C:\Users\Administrator>wbadmin delete backup -keepVersions:26
wbadmin 1.0 - バックアップ コマンド ライン ツール
(C) Copyright 2013 Microsoft Corporation. All rights reserved.

バックアップを列挙しています...
27 個のバックアップが見つかりました。
削除操作後は 26 個になります。
バックアップを削除しますか?
[Y] はい [N] いいえ Y

バックアップ バージョン 03/10/2020-20:00 を削除しています (1/1)...
バックアップを削除する操作が完了し、
1 個のバックアップが削除されました。

C:\Users\Administrator>wbadmin get versions | find /i "バックアップ時間" /c
26

対話形式となるので、タスクから実行する場合は -quiet オプションを追加した方がよいです。 -quiet オプションを追加して 25 にしてみます。

C:\Users\Administrator>wbadmin delete backup -quiet -keepVersions:25
wbadmin 1.0 - バックアップ コマンド ライン ツール
(C) Copyright 2013 Microsoft Corporation. All rights reserved.

バックアップを列挙しています...
26 個のバックアップが見つかりました。
削除操作後は 25 個になります。
バックアップ バージョン 03/11/2020-20:00 を削除しています (1/1)...
バックアップを削除する操作が完了し、
1 個のバックアップが削除されました。

C:\Users\Administrator>wbadmin get versions | find /i "バックアップ時間" /c
25

よさそうな感じです。保持世代数を下回っている場合はどうなるのか。気になるところなのでもう一度 26 で実行してみます。

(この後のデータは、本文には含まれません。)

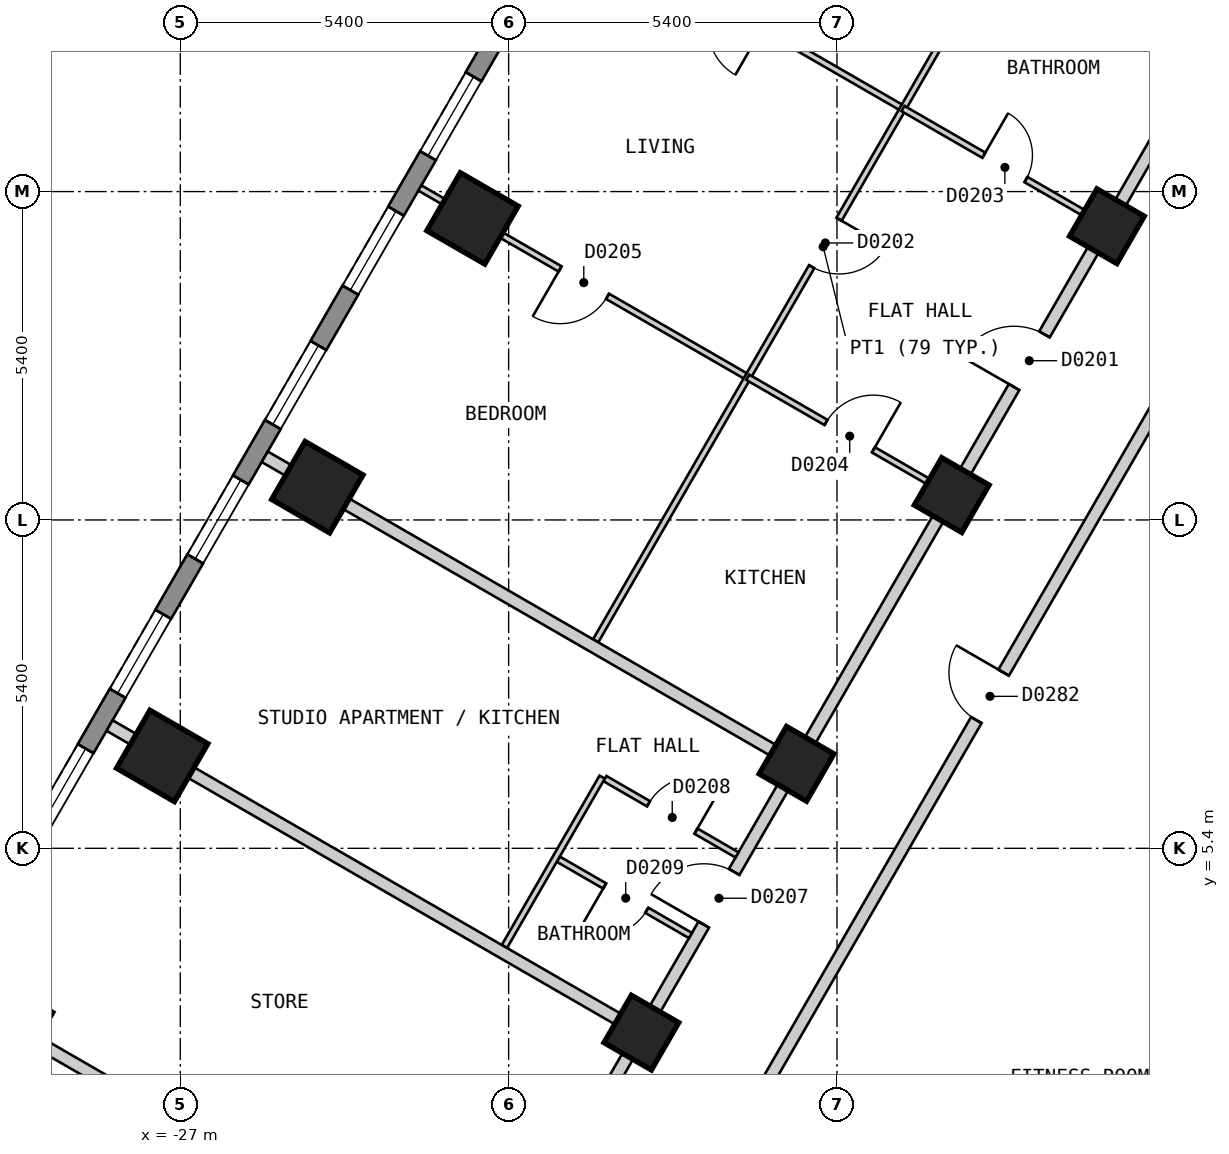
"""IFC4 building model, lengths in metres.
Left out: names, types, materials, properties, quantities, classifications, styles, units other than length and angle.
Written with IfcOpenShell. Run it as: python <this file> out.ifc"""

import sys

from ifc_helpers import new_model, si_unit, direction, frame, frame_2d, origin, origin_2d, place, context, subcontext, project, spatial, polyline, rectangle, outline, extrude, element, fill, save


model = new_model("IFC4")
c1 = context("Model", 3, precision=1e-05, world=origin(), true_north=direction((0.0, 1.0)))
c2 = subcontext(c1, "Body", "Model", "MODEL_VIEW")
j1 = project(units=[si_unit("LENGTHUNIT", "METRE"), si_unit("PLANEANGLEUNIT", "RADIAN")], contexts=[c1])
p1 = place(None, origin())
s1 = spatial("IfcSite", under=j1, at=p1, CompositionType="ELEMENT")
p2 = place(p1, origin())
s2 = spatial("IfcBuilding", under=s1, at=p2, CompositionType="ELEMENT")
p3 = place(p2, frame((0.0, 0.0, 47.4)))
s3 = spatial("IfcBuildingStorey", under=s2, at=p3, CompositionType="ELEMENT", Elevation=47.4)
for number, where, z_axis, x_axis in (
    (1, (-22.194, 15.759, 0.0), (0.0, 0.0, 1.0), (-0.5, -0.866, 0.0)),
    (2, (-24.746, 11.339, 0.0), (0.0, 0.0, 1.0), (-0.5, -0.866, 0.0)),
    (3, (-27.298, 6.919, 0.0), (0.0, 0.0, 1.0), (-0.5, -0.866, 0.0)),
    (4, (-29.849, 2.499, 0.0), (0.0, 0.0, 1.0), (-0.5, -0.866, 0.0)),
):
    element("IfcColumn", number, at=place(p3, frame(where, z_axis=z_axis, x_axis=x_axis)), inside=s3, PredefinedType="COLUMN", context=c2, shape_type="SweptSolid", body=[
        extrude(rectangle(XDim=1.1, YDim=1.1, at=origin_2d()), origin(), (0.0, 0.0, 1.0), 3.0),
    ])
for number, where, z_axis, x_axis in (
    (5, (-11.761, 15.63, 0.0), (0.0, 0.0, 1.0), (-0.5, -0.866, 0.0)),
    (6, (-14.313, 11.209, 0.0), (0.0, 0.0, 1.0), (-0.5, -0.866, 0.0)),
    (7, (-16.865, 6.789, 0.0), (0.0, 0.0, 1.0), (-0.5, -0.866, 0.0)),
    (8, (-19.417, 2.369, 0.0), (0.0, 0.0, 1.0), (-0.5, -0.866, 0.0)),
):
    element("IfcColumn", number, at=place(p3, frame(where, z_axis=z_axis, x_axis=x_axis)), inside=s3, PredefinedType="COLUMN", context=c2, shape_type="SweptSolid", body=[
        extrude(rectangle(XDim=0.9, YDim=0.9, at=origin_2d()), origin(), (0.0, 0.0, 1.0), 3.0),
    ])
p4 = place(p3, frame((-17.71, 25.825, 0.0), z_axis=(0.0, 0.0, 1.0), x_axis=(-0.500001938803, -0.866024284413, 0.0)))
e9 = element("IfcWall", 9, at=p4, inside=s3, PredefinedType="SOLIDWALL", context=c2, shape_type="SweptSolid", body=[
    extrude(outline(polyline([(0.0, -0.15), (27.02, -0.15), (26.94, 0.15), (0.08, 0.15), (0.0, -0.15)])), origin(), (0.0, 0.0, 1.0), 2.7),
])
p5 = place(p4, frame((1.277, 0.0, 0.15)))
e10 = element("IfcOpeningElement", 10, at=p5, cuts=e9, PredefinedType="OPENING", context=c2, shape_type="SweptSolid", body=[
    extrude(rectangle(XDim=1.5, YDim=2.1, at=frame_2d((0.75, 1.05))), frame((0.0, 0.16, 0.0), z_axis=(0.0, -1.0, 0.0), x_axis=(1.0, 0.0, 0.0)), (0.0, 0.0, 1.0), 0.32),
])
p6 = place(p4, frame((3.829, 0.0, 0.15)))
e11 = element("IfcOpeningElement", 11, at=p6, cuts=e9, PredefinedType="OPENING", context=c2, shape_type="SweptSolid", body=[
    extrude(rectangle(XDim=1.5, YDim=2.1, at=frame_2d((0.75, 1.05))), frame((0.0, 0.16, 0.0), z_axis=(0.0, -1.0, 0.0), x_axis=(1.0, 0.0, 0.0)), (0.0, 0.0, 1.0), 0.32),
])
p7 = place(p4, frame((6.382, 0.0, 0.15)))
e12 = element("IfcOpeningElement", 12, at=p7, cuts=e9, PredefinedType="OPENING", context=c2, shape_type="SweptSolid", body=[
    extrude(rectangle(XDim=1.5, YDim=2.1, at=frame_2d((0.75, 1.05))), frame((0.0, 0.16, 0.0), z_axis=(0.0, -1.0, 0.0), x_axis=(1.0, 0.0, 0.0)), (0.0, 0.0, 1.0), 0.32),
])
p8 = place(p4, frame((8.933, 0.0, 0.15)))
e13 = element("IfcOpeningElement", 13, at=p8, cuts=e9, PredefinedType="OPENING", context=c2, shape_type="SweptSolid", body=[
    extrude(rectangle(XDim=1.5, YDim=2.1, at=frame_2d((0.75, 1.05))), frame((0.0, 0.16, 0.0), z_axis=(0.0, -1.0, 0.0), x_axis=(1.0, 0.0, 0.0)), (0.0, 0.0, 1.0), 0.32),
])
p9 = place(p4, frame((11.485, 0.0, 0.15)))
e14 = element("IfcOpeningElement", 14, at=p9, cuts=e9, PredefinedType="OPENING", context=c2, shape_type="SweptSolid", body=[
    extrude(rectangle(XDim=1.5, YDim=2.1, at=frame_2d((0.75, 1.05))), frame((0.0, 0.16, 0.0), z_axis=(0.0, -1.0, 0.0), x_axis=(1.0, 0.0, 0.0)), (0.0, 0.0, 1.0), 0.32),
])
p10 = place(p4, frame((14.037, 0.0, 0.15)))
e15 = element("IfcOpeningElement", 15, at=p10, cuts=e9, PredefinedType="OPENING", context=c2, shape_type="SweptSolid", body=[
    extrude(rectangle(XDim=1.5, YDim=2.1, at=frame_2d((0.75, 1.05))), frame((0.0, 0.16, 0.0), z_axis=(0.0, -1.0, 0.0), x_axis=(1.0, 0.0, 0.0)), (0.0, 0.0, 1.0), 0.32),
])
p11 = place(p4, frame((16.589, 0.0, 0.15)))
e16 = element("IfcOpeningElement", 16, at=p11, cuts=e9, PredefinedType="OPENING", context=c2, shape_type="SweptSolid", body=[
    extrude(rectangle(XDim=1.5, YDim=2.1, at=frame_2d((0.75, 1.05))), frame((0.0, 0.16, 0.0), z_axis=(0.0, -1.0, 0.0), x_axis=(1.0, 0.0, 0.0)), (0.0, 0.0, 1.0), 0.32),
])
p12 = place(p4, frame((19.141, 0.0, 0.15)))
e17 = element("IfcOpeningElement", 17, at=p12, cuts=e9, PredefinedType="OPENING", context=c2, shape_type="SweptSolid", body=[
    extrude(rectangle(XDim=1.5, YDim=2.1, at=frame_2d((0.75, 1.05))), frame((0.0, 0.16, 0.0), z_axis=(0.0, -1.0, 0.0), x_axis=(1.0, 0.0, 0.0)), (0.0, 0.0, 1.0), 0.32),
])
p13 = place(p4, frame((21.693, 0.0, 0.15)))
e18 = element("IfcOpeningElement", 18, at=p13, cuts=e9, PredefinedType="OPENING", context=c2, shape_type="SweptSolid", body=[
    extrude(rectangle(XDim=1.5, YDim=2.1, at=frame_2d((0.75, 1.05))), frame((0.0, 0.16, 0.0), z_axis=(0.0, -1.0, 0.0), x_axis=(1.0, 0.0, 0.0)), (0.0, 0.0, 1.0), 0.32),
])
p14 = place(p4, frame((24.244, 0.0, 0.15)))
e19 = element("IfcOpeningElement", 19, at=p14, cuts=e9, PredefinedType="OPENING", context=c2, shape_type="SweptSolid", body=[
    extrude(rectangle(XDim=1.5, YDim=2.1, at=frame_2d((0.75, 1.05))), frame((0.0, 0.16, 0.0), z_axis=(0.0, -1.0, 0.0), x_axis=(1.0, 0.0, 0.0)), (0.0, 0.0, 1.0), 0.32),
])
p15 = place(p3, frame((-18.244, -0.001, 0.0), z_axis=(0.0, 0.0, 1.0), x_axis=(0.499962999376, 0.866046765051, 0.0)))
e20 = element("IfcWall", 20, at=p15, inside=s3, PredefinedType="PARTITIONING", context=c2, shape_type="SweptSolid", body=[
    extrude(rectangle(XDim=18.245, YDim=0.2, at=frame_2d((9.123, 0.0))), origin(), (0.0, 0.0, 1.0), 2.7),
])
p16 = place(p15, frame((8.672, 0.0, 0.0)))
e21 = element("IfcOpeningElement", 21, at=p16, cuts=e20, PredefinedType="OPENING", context=c2, shape_type="SweptSolid", body=[
    extrude(rectangle(XDim=0.9, YDim=2.1, at=frame_2d((0.45, 1.05))), frame((0.0, 0.11, 0.0), z_axis=(0.0, -1.0, 0.0), x_axis=(1.0, 0.0, 0.0)), (0.0, 0.0, 1.0), 0.22),
])
p17 = place(p3, frame((-20.727, 0.099, 0.0), z_axis=(0.0, 0.0, 1.0), x_axis=(0.499993204491, 0.866029327138, 0.0)))
e22 = element("IfcWall", 22, at=p17, inside=s3, PredefinedType="PARTITIONING", context=c2, shape_type="SweptSolid", body=[
    extrude(rectangle(XDim=20.554, YDim=0.2, at=frame_2d((10.277, 0.0))), origin(), (0.0, 0.0, 1.0), 2.7),
])
p18 = place(p17, frame((14.88, 0.0, 0.0)))
e23 = element("IfcOpeningElement", 23, at=p18, cuts=e22, PredefinedType="OPENING", context=c2, shape_type="SweptSolid", body=[
    extrude(rectangle(XDim=1.0, YDim=2.1, at=frame_2d((0.5, 1.05))), frame((0.0, 0.11, 0.0), z_axis=(0.0, -1.0, 0.0), x_axis=(1.0, 0.0, 0.0)), (0.0, 0.0, 1.0), 0.22),
])
p19 = place(p17, frame((4.673, 0.0, 0.0)))
e24 = element("IfcOpeningElement", 24, at=p19, cuts=e22, PredefinedType="OPENING", context=c2, shape_type="SweptSolid", body=[
    extrude(rectangle(XDim=1.0, YDim=2.1, at=frame_2d((0.5, 1.05))), frame((0.0, 0.11, 0.0), z_axis=(0.0, -1.0, 0.0), x_axis=(1.0, 0.0, 0.0)), (0.0, 0.0, 1.0), 0.22),
])
p20 = place(p17, frame((0.838, 0.0, 0.0)))
e25 = element("IfcOpeningElement", 25, at=p20, cuts=e22, PredefinedType="OPENING", context=c2, shape_type="SweptSolid", body=[
    extrude(rectangle(XDim=0.8, YDim=2.1, at=frame_2d((0.4, 1.05))), frame((0.0, 0.11, 0.0), z_axis=(0.0, -1.0, 0.0), x_axis=(1.0, 0.0, 0.0)), (0.0, 0.0, 1.0), 0.22),
])
p21 = place(p3, frame((-20.017, 6.547, 0.0), z_axis=(0.0, 0.0, 1.0), x_axis=(0.865940918122, -0.500146304917, 0.0)))
e26 = element("IfcWall", 26, at=p21, inside=s3, PredefinedType="PARTITIONING", context=c2, shape_type="SweptSolid", body=[
    extrude(rectangle(XDim=2.51, YDim=0.1, at=frame_2d((1.255, 0.0))), origin(), (0.0, 0.0, 1.0), 2.7),
])
p22 = place(p21, frame((0.829, 0.0, 0.0)))
e27 = element("IfcOpeningElement", 27, at=p22, cuts=e26, PredefinedType="OPENING", context=c2, shape_type="SweptSolid", body=[
    extrude(rectangle(XDim=0.9, YDim=2.1, at=frame_2d((0.45, 1.05))), frame((0.0, 0.06, 0.0), z_axis=(0.0, -1.0, 0.0), x_axis=(1.0, 0.0, 0.0)), (0.0, 0.0, 1.0), 0.12),
])
p23 = place(p3, frame((-20.783, 5.221, 0.0), z_axis=(0.0, 0.0, 1.0), x_axis=(0.865958718457, -0.500115484592, 0.0)))
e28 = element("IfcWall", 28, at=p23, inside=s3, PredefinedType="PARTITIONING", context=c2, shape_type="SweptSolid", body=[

C:\Users\Administrator>wbadmin delete backup -quiet -keepVersions:26
wbadmin 1.0 - バックアップ コマンド ライン ツール
(C) Copyright 2013 Microsoft Corporation. All rights reserved.

バックアップを列挙しています...
見つかったバックアップ コピーの数: 25
保存するバックアップ コピーの数: 26
見つかったバックアップ コピーの数が、保存するように指定したバックアップ
コピーの数以下であるため、バックアップ コピーは削除されません。

C:\Users\Administrator>wbadmin get versions | find /i "バックアップ時間" /c
25

ちゃんと数が管理されているようです。”日” ではなく “バックアップの数” というのが味噌ですね。 使えそうなのでこれをタスク実行してみます。

タスクで実行する

タスクスケジューラーの使い方は割愛しますが、今回のコマンドを操作に指定してあげればいいです。

  • 操作: プログラムの開始
  • プログラム/スクリプト: C:\Windows\System32\wbadmin.exe
  • 引数の追加: delete backup -quiet -keepVersions:21

wbadmin コマンドのヘルプに注意書きがありましたが、タスクの実行時に使うユーザーアカウントは Backup Operators グループまたは Administrators グループのメンバーを指定します。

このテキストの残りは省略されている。